In July 2024, a small group on Las Ramblas pointed water pistols at people eating lunch and told them, politely enough, to go home. The image traveled further than the march it came from, which drew somewhere between 2,800 people, by the police count, and 20,000, by the organizers', as Al Jazeera reported. What got lost was that the marchers were not angry about lunch. They were angry about rent. Barcelona has since answered them with two measures, and only one of them is aimed at you.
The loud one is the tax. On February 25, 2026, the Catalan parliament roughly doubled the regional tourist levy, pushing the headline maximum for a five-star hotel guest toward 15 euro and the holiday-rental rate to 12.5, as Reuters reported. Trade outlets that track the schedule (idealista, visahq) put the 2026 five-star total at 12 euro per person per night, about 7 euro regional plus a flat 5 euro surcharge, up from 7.50, though that breakdown is not confirmed against the official ordinance. The 15 euro figure is a ceiling: the city surcharge alone rises a euro a year to 8 by 2029, and stacked on the top regional rate, that is what carries a five-star to roughly 15. So the number everyone repeated is a promise about the future, not this summer's bill.

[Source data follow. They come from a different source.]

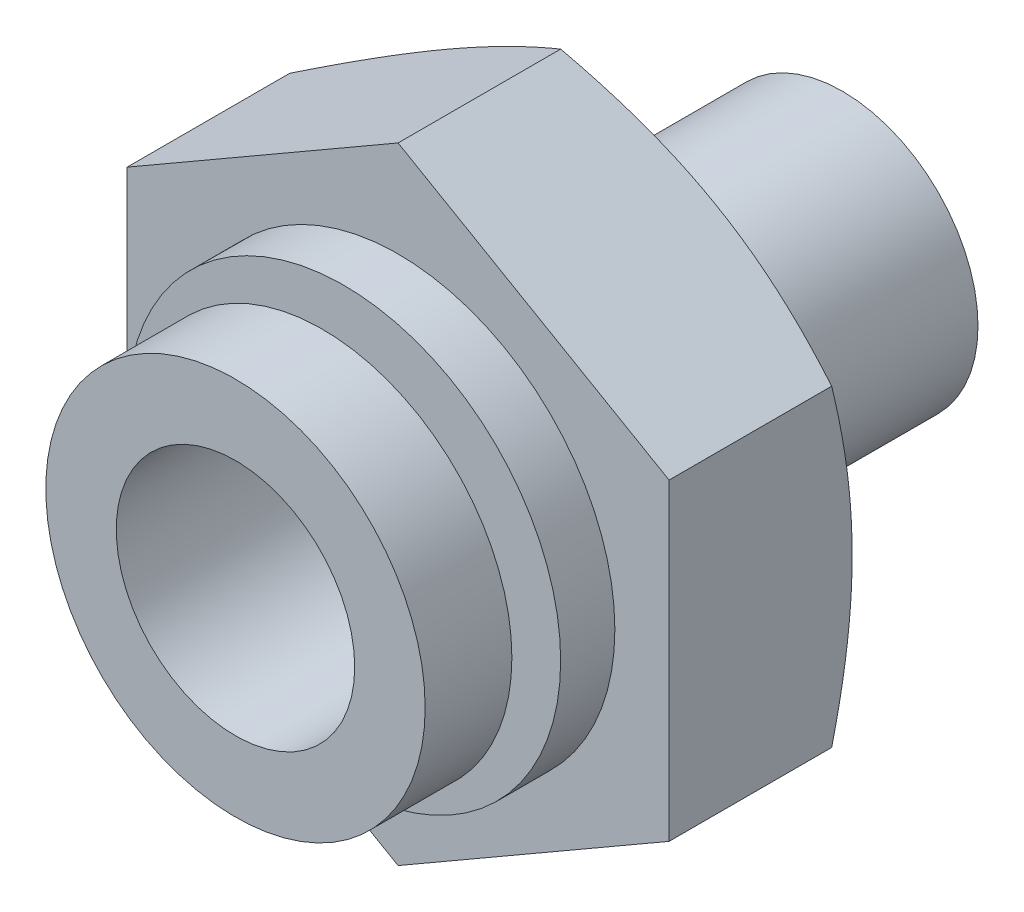
SolidWorks part; units mm, degrees
ref_plane "Front Plane" through (0, 0, 0) normal (0, 0, 1) x (1, 0, 0)
ref_plane "Top Plane" through (0, 0, 0) normal (0, 1, 0) x (1, 0, 0)
ref_plane "Right Plane" through (0, 0, 0) normal (1, 0, 0) x (0, 0, -1)
sketch "Sketch1" plane through (0, 0, 0) normal (0, 0, 1) x (1, 0, 0)
  line L1 (0, 28.8675) -> (-25, 14.4338)
  line L2 (-25, 14.4338) -> (-25, -14.4338)
  line L3 (-25, -14.4338) -> (0, -28.8675)
  line L4 (0, -28.8675) -> (25, -14.4338)
  line L5 (25, -14.4338) -> (25, 14.4338)
  line L6 (25, 14.4338) -> (0, 28.8675)
  circle A0 centre (0, 0) radius 25 construction
  dimension "D1" = 50
extrude "Boss-Extrude1" add sketch "Sketch1" along normal mid plane 23
sketch "Sketch3" plane through (0, 0, 0) normal (1, 0, 0) x (0, 0, -1)
  line L0 (-1000, 0) -> (49000, 0) construction
  line L1 (11.5, 12.5) -> (3.5, 28.8675)
  line L2 (11.5, -14.4338) -> (11.5, 14.4338) construction
  line L3 (-11.5, 28.8675) -> (11.5, 28.8675) construction
  line L4 (3.5, 28.8675) -> (11.5, 28.8675)
  line L5 (11.5, 28.8675) -> (11.5, 12.5)
  dimension "D1" = 8
  dimension "D2" = 12.5
revolve "Cut-Revolve1" cut sketch "Sketch3" angle 360 about L0
sketch "Sketch4" plane through (0, 0, -11.5) normal (0, 0, -1) x (-1, 0, 0)
  circle A0 centre (0, 0) radius 12.5
  dimension "D1" = 25
extrude "Boss-Extrude2" add sketch "Sketch4" along normal blind 18
sketch "Sketch5" plane through (0, 0, 11.5) normal (0, 0, 1) x (1, 0, 0)
  circle A0 centre (0, 0) radius 20
  dimension "D1" = 40
extrude "Boss-Extrude3" add sketch "Sketch5" along normal blind 5
sketch "Sketch6" plane through (0, 0, 16.5) normal (0, 0, 1) x (1, 0, 0)
  circle A0 centre (0, 0) radius 14
  dimension "D1" = 28
extrude "Boss-Extrude4" add sketch "Sketch6" along normal blind 2
sketch "Sketch7" plane through (0, 0, 18.5) normal (0, 0, 1) x (1, 0, 0)
  circle A0 centre (0, 0) radius 17.5
  dimension "D1" = 35
extrude "Boss-Extrude5" add sketch "Sketch7" along normal blind 8
sketch "Sketch8" plane through (0, 0, 26.5) normal (0, 0, 1) x (1, 0, 0)
  circle A0 centre (0, 0) radius 11
  dimension "D1" = 22
extrude "Cut-Extrude1" cut sketch "Sketch8" against normal blind 28
sketch "Sketch9" plane through (0, 0, -29.5) normal (0, 0, -1) x (-1, 0, 0)
  circle A0 centre (0, 0) radius 10
  dimension "D1" = 20
extrude "Cut-Extrude2" cut sketch "Sketch9" against normal blind 71
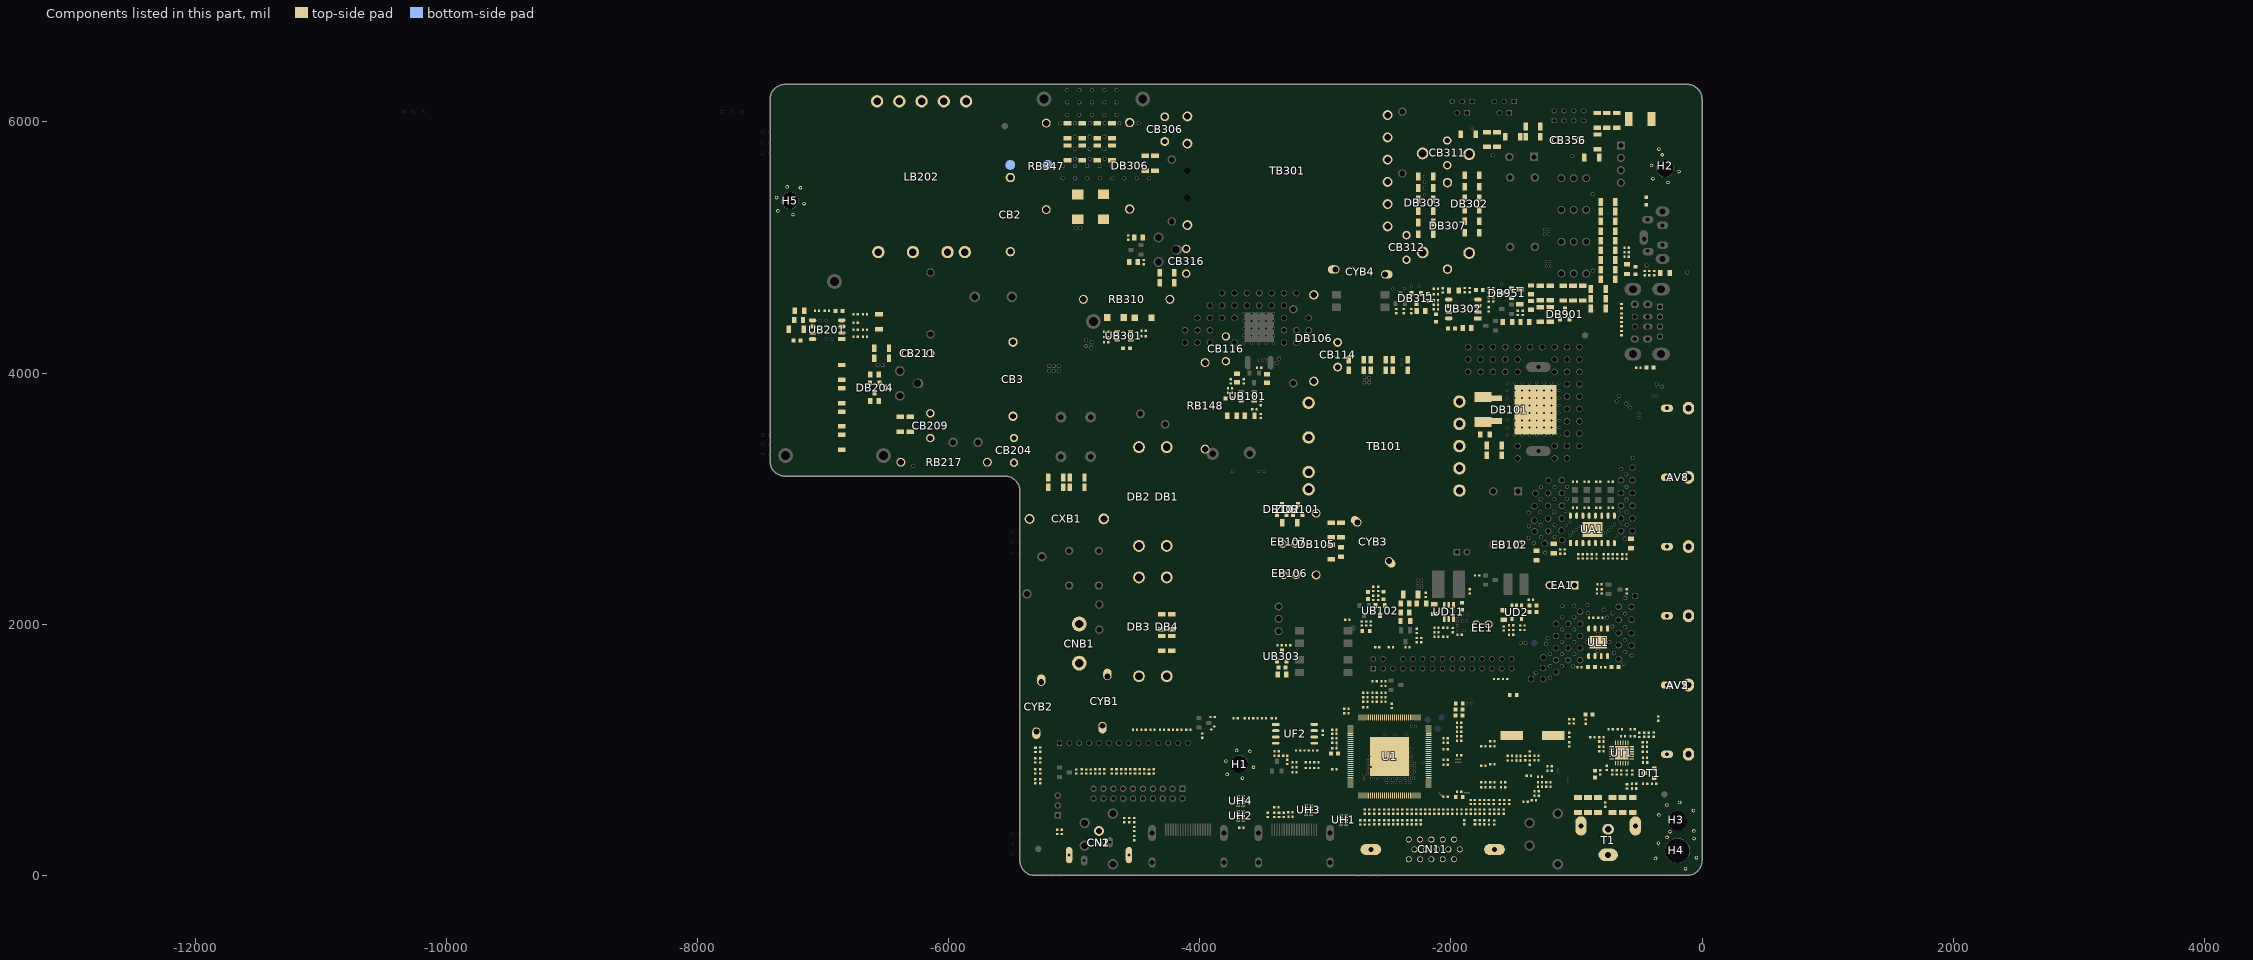
[diagram p0: the components of this part, seen from the top]
# Altium PCB MISC84277.PcbDoc (part 3 of 15)
Units mil, origin at the board's own origin, x right, y up, seen from the top; angles counter-clockwise.
Board outline 7422.08 x 6299.21 mil, 2 copper layers (TopLayer, BottomLayer), stack 61.855 mil thick; 709 components, 395 nets, 2812 pads, 811 vias.

## Components (designator, comment, footprint, x,y, rotation, side; value= is the part's Value field where it differs from the comment) (continued)
RB210 "10ohm-1206-±5%-1/4W" R1206 -7213.93,4349.5 r180 top
RB212 "47ohm-0805-±5%-1/8W" R0805 -6589.92,3989.81 r0 top
RB213 "20ohm-0805-±5%-1/8W" R0805 -6589.92,3777.97 r0 top
RB214 "10Kohm-0402-±5%-1/16W" R0402 -6502.12,3881.88 r90 top
RB215 "510ohm-0402-±5%-1/16W" R0402 -6666.39,4468.8 r0 top
RB217 "MOF-0R1ohm-±5%-2WS (tape and reel/Futaba)" R2-H-17.5 -6036.5,3290.5 r180 top
RB218 "1R6ohm-1206-±1%-1/4W" R1206 -6555,4409.94 r90 top
RB219 "22ohm-1206-±5%-1/4W" R1206 -6305.64,3592.04 r90 top
RB220 "22ohm-1206-±5%-1/4W" R1206 -6385.37,3592.04 r90 top
RB221 "1Kohm-0402-±5%-1/16W" R0402 -6666.39,4345.31 r180 top
RB223 "22ohm-1206-±5%-1/4W" R1206 -6534.37,4118.08 r180 top
RB224 "22ohm-1206-±5%-1/4W" R1206 -6534.37,4196.82 r180 top
RB225 "10Kohm-0402-±5%-1/16W" R0402 -6970.22,4496.35 r180 top
RB226 "47Kohm-0402-±1%-1/16W" R0402 -6741.19,4400.61 r180 top
RB227 "NC/0ohm-0402-±5%-1/16W" R0402 -7048.96,4496.35 r0 top
RB301 "47ohm-0805-±5%-1/8W" R0805 -1871,4360.5 r0 top
RB302 "8K2ohm-0402-±1%-1/16W" R0402 -3296.5,1832.5 r0 top
RB303 "NC/10Kohm-0402-±5%-1/16W" R0402 -4745.41,4244.24 r180 top
RB304 "47Kohm-0402-±1%-1/16W" R0402 -4447.08,4338.63 r0 top
RB305 "510ohm-0402-±5%-1/16W" R0402 -4745.41,4330.86 r180 top
RB306 "47ohm-0805-±5%-1/8W" R0805 -4489.97,5079.5 r0 top
RB307 "510ohm-0402-±5%-1/16W" R0402 -4569.47,5079.5 r270 top
RB308 "20ohm-0805-±5%-1/8W" R0805 -4527.5,4883.5 r0 top
RB309 "10Kohm-0402-±5%-1/16W" R0402 -4448,4883.5 r90 top
RB310 "MOF-0R22ohm-±5%-2WS (tape and reel/Futaba)" R2-H-17.5 -4582.61,4587.13 r180 top
RB314 "10ohm-1206-±5%-1/4W" R1206 -4435.6,5670.34 r270 top
RB315 "10ohm-1206-±5%-1/4W" R1206 -4356.88,5670.34 r270 top
RB317 "330Kohm-1206-±5%-1/4W" R1206 -4699.09,5753.57 r270 top
RB318 "330Kohm-1206-±5%-1/4W" R1206 -4817.2,5753.57 r270 top
RB319 "330Kohm-1206-±5%-1/4W" R1206 -4935.31,5753.57 r270 top
RB320 "330Kohm-1206-±5%-1/4W" R1206 -5053.42,5753.57 r270 top
RB321 "330Kohm-1206-±5%-1/4W" R1206 -5053.42,5930.74 r270 top
RB322 "330Kohm-1206-±5%-1/4W" R1206 -4699.09,5930.74 r270 top
RB323 "330Kohm-1206-±5%-1/4W" R1206 -4817.2,5930.74 r270 top
RB324 "330Kohm-1206-±5%-1/4W" R1206 -4935.31,5930.74 r270 top
RB325 "49K9ohm-0402-±1%-1/16W" R0402 -3364,1832.5 r180 top
RB326 "100ohm-0805-±5%-1/8W" R0805 -3345.5,1600 r0 top
RB328 "270Kohm-1206-±5%-1/4W" R1206 -1832.22,5484.11 r180 top
RB329 "270Kohm-1206-±5%-1/4W" R1206 -1832.22,5392.31 r0 top
RB330 "270Kohm-1206-±5%-1/4W" R1206 -1832.22,5116.9 r180 top
RB331 "270Kohm-1206-±5%-1/4W" R1206 -2200.06,5198.86 r180 top
RB332 "NC/270Kohm-1206-±5%-1/4W" R1206 -1832.22,5575.91 r180 top
RB333 "NC/270Kohm-1206-±5%-1/4W" R1206 -1832.22,5300.5 r0 top
RB334 "NC/270Kohm-1206-±5%-1/4W" R1206 -1832.22,5208.7 r180 top
RB335 "NC/270Kohm-1206-±5%-1/4W" R1206 -2200.06,5107.06 r180 top
RB337 "1R6ohm-1206-±1%-1/4W" R1206 -879.7,5717.5 r0 top
RB338 "1R6ohm-1206-±1%-1/4W" R1206 -833.45,5841.2 r270 top
RB339 "1R6ohm-1206-±1%-1/4W" R1206 -680.42,6012.54 r90 top
RB340 "1R6ohm-1206-±1%-1/4W" R1206 -758.2,6012.55 r90 top
RB341 "2R2ohm-1206-±1%-1/4W" R1206 -835.79,6012.54 r90 top
RB345 "5K6ohm-0402-±1%-1/16W" R0402 -2065.5,4659 r270 top
RB346 "510ohm-0402-±5%-1/16W" R0402 -2435,4493.5 r90 top
RB347 "NC/MOF-300Kohm-±5%-2WS (tape and reel/Futaba)" R2-H-17.5 -5223,5646.5 r270 top
RB348 "1Kohm-0402-±5%-1/16W" R0402 -2120.5,4508 r0 top
RB349 "27Kohm-0402-±1%-1/16W" R0402 -2120.5,4544.5 r180 top
RB350 "1Kohm-0603-±1%-1/10W" R0603 -2119.5,4437.5 r270 top
RB351 "10Kohm-0402-±5%-1/16W" R0402 -2120.57,4673.43 r0 top
RB352 "NC/20Kohm-0402-±1%-1/16W" R0402 -1850.5,4660.5 r270 top
RB354 "3Kohm-0402-±1%-1/16W" R0402 -1700,4507 r270 top
RB355 "4K7ohm-0402-±1%-1/16W" R0402 -1662.85,4587.77 r90 top
RB356 "2M2ohm-0402-±5%-1/16W" R0402 -2318,4493.5 r270 top
RB357 "3Kohm-0402-±1%-1/16W" R0402 -1699.45,4658.94 r90 top
RB358 "120Kohm-0805-±5%-1/8W" R0805 -1363,4663.5 r270 top (schematic designator RB364)
RB359 "120Kohm-0805-±5%-1/8W" R0805 -1363,4540 r270 top
RB360 "150Kohm-1206-±5%-1/4W" R1206 -1288.48,4637.59 r90 top
RB361 "150Kohm-1206-±5%-1/4W" R1206 -1209.74,4466.73 r90 top
RB362 "150Kohm-1206-±5%-1/4W" R1206 -1288.48,4466.73 r90 top
RB363 "150Kohm-1206-±5%-1/4W" R1206 -1209.74,4637.59 r90 top
RB364 "30Kohm-0805-±1%-1/8W" R0805 -1412,4407.5 r180 top
RB365 "10ohm-0805-±5%-1/8W" R0805 -2237.5,4493 r0 top
RB366 "47Kohm-0402-±1%-1/16W" R0402 -1889,4660.5 r270 top
RB367 "1Kohm-0402-±5%-1/16W" R0402 -1662.84,4658.94 r90 top
RB368 "68ohm-1206-±5%-1/4W" R1206 -2200.06,5290.66 r180 top
RB369 "68ohm-1206-±5%-1/4W" R1206 -2200.06,5382.46 r180 top
RB370 "68ohm-1206-±5%-1/4W" R1206 -2200.06,5474.26 r180 top
RB371 "68ohm-1206-±5%-1/4W" R1206 -2200.06,5566.07 r180 top
RB384 "1Kohm-0603-±1%-1/10W" R0603 -2675.28,1944.88 r180 top
RB385 "4K7ohm-0402-±1%-1/16W" R0402 -2675.28,2005.98 r90 top
RB386 "9K1ohm-0402-±1%-1/16W" R0402 -2711.79,2005.98 r270 top
RB391 "22ohm-1206-±5%-1/4W" R1206 -4261.46,4798.93 r180 top
RB392 "22ohm-1206-±5%-1/4W" R1206 -4261.32,4720.7 r180 top
RB901 "NC/470ohm-1206-±5%-1/4W" R1206 -1028.31,4637.19 r270 top
RB902 "NC/470ohm-1206-±5%-1/4W" R1206 -1105.54,4637.19 r270 top
RB903 "NC/470ohm-1206-±5%-1/4W" R1206 -951.09,4637.19 r270 top
RB904 "0ohm-1206-±5%-1/4W" R1206 -1346.23,5881.2 r0 top
RB905 "NC/0ohm-1206-±5%-1/4W" R1206 -1346.23,5963.8 r0 top
RB911 "NC/10ohm-1206-±5%-1/4W" R1206 -749.28,5130.73 r180 top
RB912 "NC/10ohm-1206-±5%-1/4W" R1206 -749.28,5054.26 r180 top
RB913 "NC/10ohm-1206-±5%-1/4W" R1206 -749.28,4977.39 r180 top
RB921 "NC/10ohm-1206-±5%-1/4W" R1206 -749.28,5363.12 r180 top
RB922 "NC/10ohm-1206-±5%-1/4W" R1206 -749.28,5286.45 r180 top
RB923 "NC/10ohm-1206-±5%-1/4W" R1206 -749.28,5209.28 r180 top
RB931 "NC/10ohm-1206-±5%-1/4W" R1206 -827.49,4670.39 r180 top
RB932 "NC/10ohm-1206-±5%-1/4W" R1206 -827.49,4592.62 r180 top
RB933 "NC/10ohm-1206-±5%-1/4W" R1206 -827.49,4514.85 r180 top
RB941 "NC/10ohm-1206-±5%-1/4W" R1206 -749.28,4900.13 r180 top
RB942 "NC/10ohm-1206-±5%-1/4W" R1206 -749.18,4823.97 r180 top
RB943 "NC/10ohm-1206-±5%-1/4W" R1206 -749.28,4748.1 r180 top
RB951 "NC/2Kohm-0402-±1%-1/16W" R0402 -1469.49,4480.1 r90 top
RB952 "NC/20Kohm-1206-±5%-1/4W" R1206 -1452.6,4608.64 r90 top
RD1 "100Kohm-0402-±1%-1/16W" R0402 -2115,1973 r0 top
RD6 "12K4ohm-0402-±1%-1/16W" R0402 -1520,1954 r180 top
RD7 "13Kohm-0402-±1%-1/16W" R0402 -1520,1991 r0 top
RD8 "68Kohm-0402-±1%-1/16W" R0402 -1431,1954 r0 top
RD12 "18Kohm-0402-±1%-1/16W" R0402 -2044,1900 r0 top
RD13 "100Kohm-0402-±1%-1/16W" R0402 -2115,1936 r0 top
RD15 "22ohm-0402-±5%-1/16W" R0402 -1984.25,1952.76 r270 top
RD16 "3K3ohm-0402-±1%-1/16W" R0402 -2115,1900 r0 top
RF1 "NC/1Mohm-0402-±5%-1/16W" R0402 -1742,1026.8 r180 top
RF2 "10Kohm-0402-±5%-1/16W" R0402 -3489,1251 r180 top
RF3 "4K7ohm-0402-±5%-1/16W" R0402 -3411,1251 r180 top
RF8 "4K7ohm-0402-±5%-1/16W" R0402 -2833,1291 r180 top
RF9 "4K7ohm-0402-±5%-1/16W" R0402 -2833,1327 r180 top
RF10 "100ohm-0402-±5%-1/16W" R0402 -2572,508 r270 top
RF11 "100ohm-0402-±5%-1/16W" R0402 -2722,422 r270 top
RF12 "68ohm-0402-±5%-1/16W" R0402 -1916,507 r90 top
RF13 "4K7ohm-0402-±5%-1/16W" R0402 -2608,1381 r180 top
RF14 "200Kohm-0402-±5%-1/16W" R0402 -1291,784 r0 top
RF15 "200Kohm-0402-±5%-1/16W" R0402 -1214,870 r0 top
RF16 "68ohm-0402-±5%-1/16W" R0402 -2423,508 r90 top
RF18 "4K7ohm-0402-±5%-1/16W" R0402 -2682,1381 r180 top
RF19 "68ohm-0402-±5%-1/16W" R0402 -2168,507 r270 top
RG1 "510ohm-0402-±5%-1/16W" R0402 -2682,1417 r0 top
RG2 "0ohm-0402-±5%-1/16W" R0402 -2608,1417 r180 top
RH1 "10Kohm-0402-±5%-1/16W" R0402 -4479.9,828.18 r90 top
RH2 "10Kohm-0402-±5%-1/16W" R0402 -4441.8,828.18 r90 top
RH3 "22ohm-0402-±5%-1/16W" R0402 -4367.2,828.18 r90 top
RH4 "22ohm-0402-±5%-1/16W" R0402 -4553.4,828.18 r90 top
RH5 "1Kohm-0402-±5%-1/16W" R0402 -4867.9,827.4 r270 top
RH6 "10Kohm-0402-±5%-1/16W" R0402 -4904,826.9 r90 top
RH7 "10Kohm-0402-±5%-1/16W" R0402 -4985.1,826.9 r90 top
RH8 "10Kohm-0402-±5%-1/16W" R0402 -3139.7,899.9 r0 top
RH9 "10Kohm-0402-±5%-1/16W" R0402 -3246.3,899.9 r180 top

The quieter measure is the one that matters. In June 2024, as Catalan News reported, Mayor Jaume Collboni announced that Barcelona would not renew a single one of its 10,101 licensed tourist apartments when they expire in November 2028. Catalan News quoted him saying that from 2029 "the tourist apartment as it is currently known will disappear from Barcelona." The mechanism, per that same reporting, is Catalan legislation passed in November 2023: the city lets the licenses lapse rather than renew them, and calls this no expropriation. The owners call it something else. Apartur, the association speaking for most of the licensed flats, calls it a taking of more than ten thousand rule-following businesses without compensation, and is in court over it. Owners can request one-time extensions of up to five years if they prove significant investment, which Collboni calls a minor part. Either way the direction is fixed: ten thousand units returning to a housing-stressed market.
Follow the rent and the logic lines up. Collboni's own justification, in the same Catalan News account, was that house prices in the city had risen 68 percent while salaries rose 38 percent, and that public housing had all but stopped getting built. By law, according to Reuters, a quarter of the tourist-tax revenue is now earmarked for housing. That is the tell: a tourism tax that funds housing is not really a tourism tax. It is a transfer, from the people who visit to the people who cannot afford to stay, in the language of travel so it reads as a fee rather than a fight.
Not everyone accepts the framing, and the objections deserve their space. Manel Casals of the city's hotel association told Reuters that gradual proposals were ignored and warned that "one day they will kill the goose that lays the golden eggs," pointing at the roughly 15.8 million people who visit each year. Apartur is pressing its case, but the broader legal challenge to the 2028 ban has so far been rejected and the plan upheld. And there is a real inconsistency here: cruise passengers, who arrive by the million and sleep aboard, still pay only about 6 euro a night, as Reuters reported. Taxing the guest who books a room hardest while the day-tripper fleet pays least is a policy with its priorities upside down.
I have been wrong about this kind of thing before. When Thailand closed Maya Bay in 2018 I cheered it as clean conservation, then saw that "high value, low impact" can also mean swapping the many for the few, a public shore handed to whoever can afford the slot. Protection and enclosure can wear the same uniform. Barcelona's tax carries that risk: price the city so only the wealthy visitor remains, and you have not solved overtourism so much as gentrified it.
But the flat ban is a different animal, and I find I cannot argue with it. It is not sorting visitors by wallet. It is deciding that homes are for the people who live in them, which is the least controversial idea in the world until someone tries to enforce it. So read Barcelona plainly. The tax is a filter, not a fine, and you will barely feel it. The apartment you were going to book may not exist by 2029, and that is the point. The city is not punishing you; it is trying to host fewer of you, and it has decided to say so out loud.